We would like to thank Dr. Tetsuo Kato of the Kato Maternity Clinic for recruiting participants. We also appreciate academic and technical supports from Drs. K. Sugihara, T. Uchida, K. Suzuki, Y. Murakami, Y. Koumura, Y. Miyabe, K. Hirai, Y. Nakamura, R. Koizumi, H. Murakami, and Y. Kobayashi. We gratefully acknowledge the chief midwife, Ms. Kiyomi Hinoki, and all the midwives and staff at the maternity clinic of the Hamamatsu University School of Medicine, for enrolling participants and facilitating recruitment.

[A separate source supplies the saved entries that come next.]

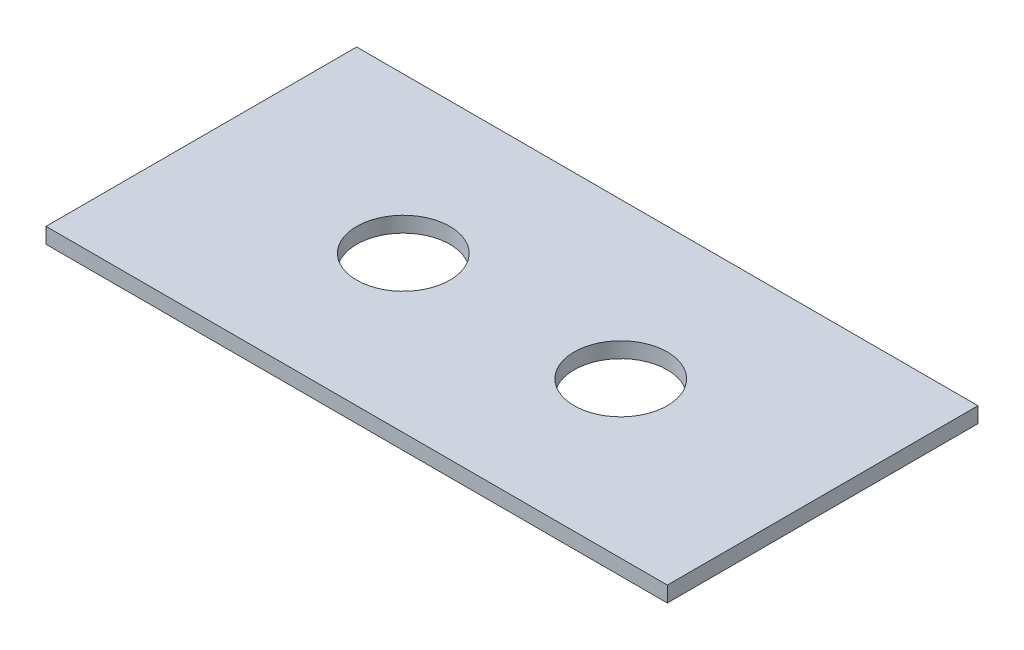
SolidWorks part; units mm, degrees
material "铜H591"
ref_plane "Front Plane" through (0, 0, 0) normal (0, 0, 1) x (1, 0, 0)
ref_plane "Top Plane" through (0, 0, 0) normal (0, 1, 0) x (1, 0, 0)
ref_plane "Right Plane" through (0, 0, 0) normal (1, 0, 0) x (0, 0, -1)
sketch "Sketch1" plane through (0, 0, 0) normal (0, 1, 0) x (1, 0, 0)
  line L0 (0, 5) -> (0, -5) construction
  line L1 (-10, -5) -> (10, -5)
  line L2 (-10, -5) -> (-10, 5)
  line L3 (-10, 5) -> (10, 5)
  line L4 (10, -5) -> (10, 5)
  line L5 (-10, -5) -> (10, 5) construction
  line L6 (-10, 5) -> (10, -5) construction
  circle A0 centre (-3.5, 0) radius 1.5
  circle A1 centre (3.5, 0) radius 1.5
  point P0 (0, 0)
  dimension "D3" = 3
  dimension "D1" = 10
  dimension "D2" = 20
  dimension "D4" = 7
extrude "Boss-Extrude1" add sketch "Sketch1" along normal blind 0.5
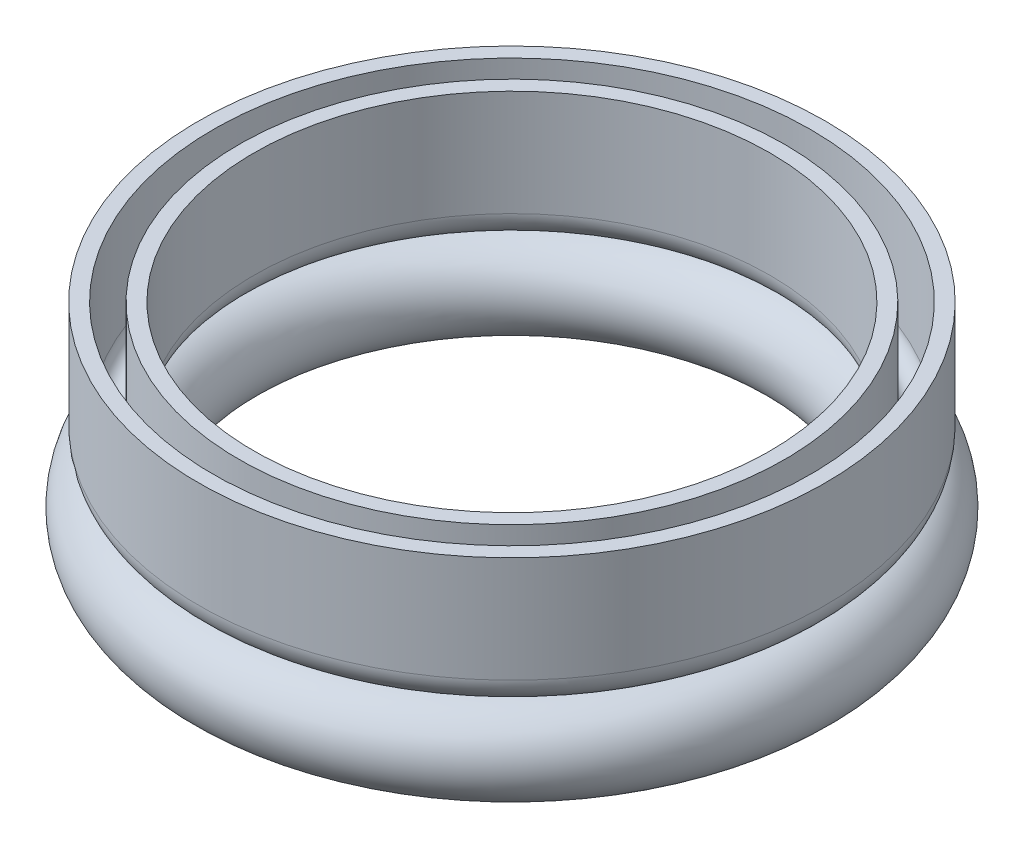
from build123d import *

# Parameters (mm, degrees)
SKETCH3_R   = 4.75
SKETCH3_R_2 = 3.45


with BuildPart() as part:
    # Sweep1: sweep along a path in Sketch 2_2
    with BuildLine(Plane(origin=(0, 0, 0), x_dir=(1, 0, 0), z_dir=(0, 1, 0))) as sweep1_path:
        CenterArc((31, 0), 31, 0, 360)
    # Sketch1 → Sweep1 (sweep)
    with BuildSketch(Plane.XY):
        with BuildLine():
            Line((-3, 19.25), (-3, 7.75))
            ThreePointArc((-3, 7.75), (0, 4.75), (3, 7.75))
            Line((3, 7.75), (3, 19.25))
            Line((3, 19.25), (1.4, 19.25))
            Line((1.4, 19.25), (1.4, 7.75))
            ThreePointArc((1.4, 7.75), (0, 6.35), (-1.4, 7.75))
            Line((-1.4, 7.75), (-1.4, 19.25))
            Line((-1.4, 19.25), (-3, 19.25))
        make_face()
    sweep(path=sweep1_path.line)


with BuildPart() as body_2:
    # Sweep2: sweep along a path in Sketch 2_2 2
    with BuildLine(Plane(origin=(0, 0, 0), x_dir=(1, 0, 0), z_dir=(0, 1, 0))) as sweep2_path:
        CenterArc((31, 0), 31, 0, 360)
    # Sketch3 → Sweep2 (sweep)
    with BuildSketch(Plane.XY):
        Circle(SKETCH3_R)
        Circle(SKETCH3_R_2, mode=Mode.SUBTRACT)
    sweep(path=sweep2_path.line)


solid = Compound([part.part, body_2.part])

Finally, we thank all the participating families and infants.

Funding Statement

Funding for this study was provided by Grants-in-Aid for Scientific Research (A) (No. 24659542: N. Takei) and (C) (No. 24600008: K. Matsumoto) from the Ministry of Education, Culture, Sports, Science and Technology of Japan, by the Strategic Research Program for Brain Sciences from the Ministry of Education, Culture, Sports, Science and Technology of Japan (K. J. Tsuchiya, K. Suzuki, H. Matsuzaki, N. Mori), by the Daiwa Securities Health Foundation (K.J. Tsuchiya), and by the Pfizer Health Research Fund (K. Matsumoto). The funders had no role in study design, data collection and analysis, decision to publish, or preparation of the manuscript.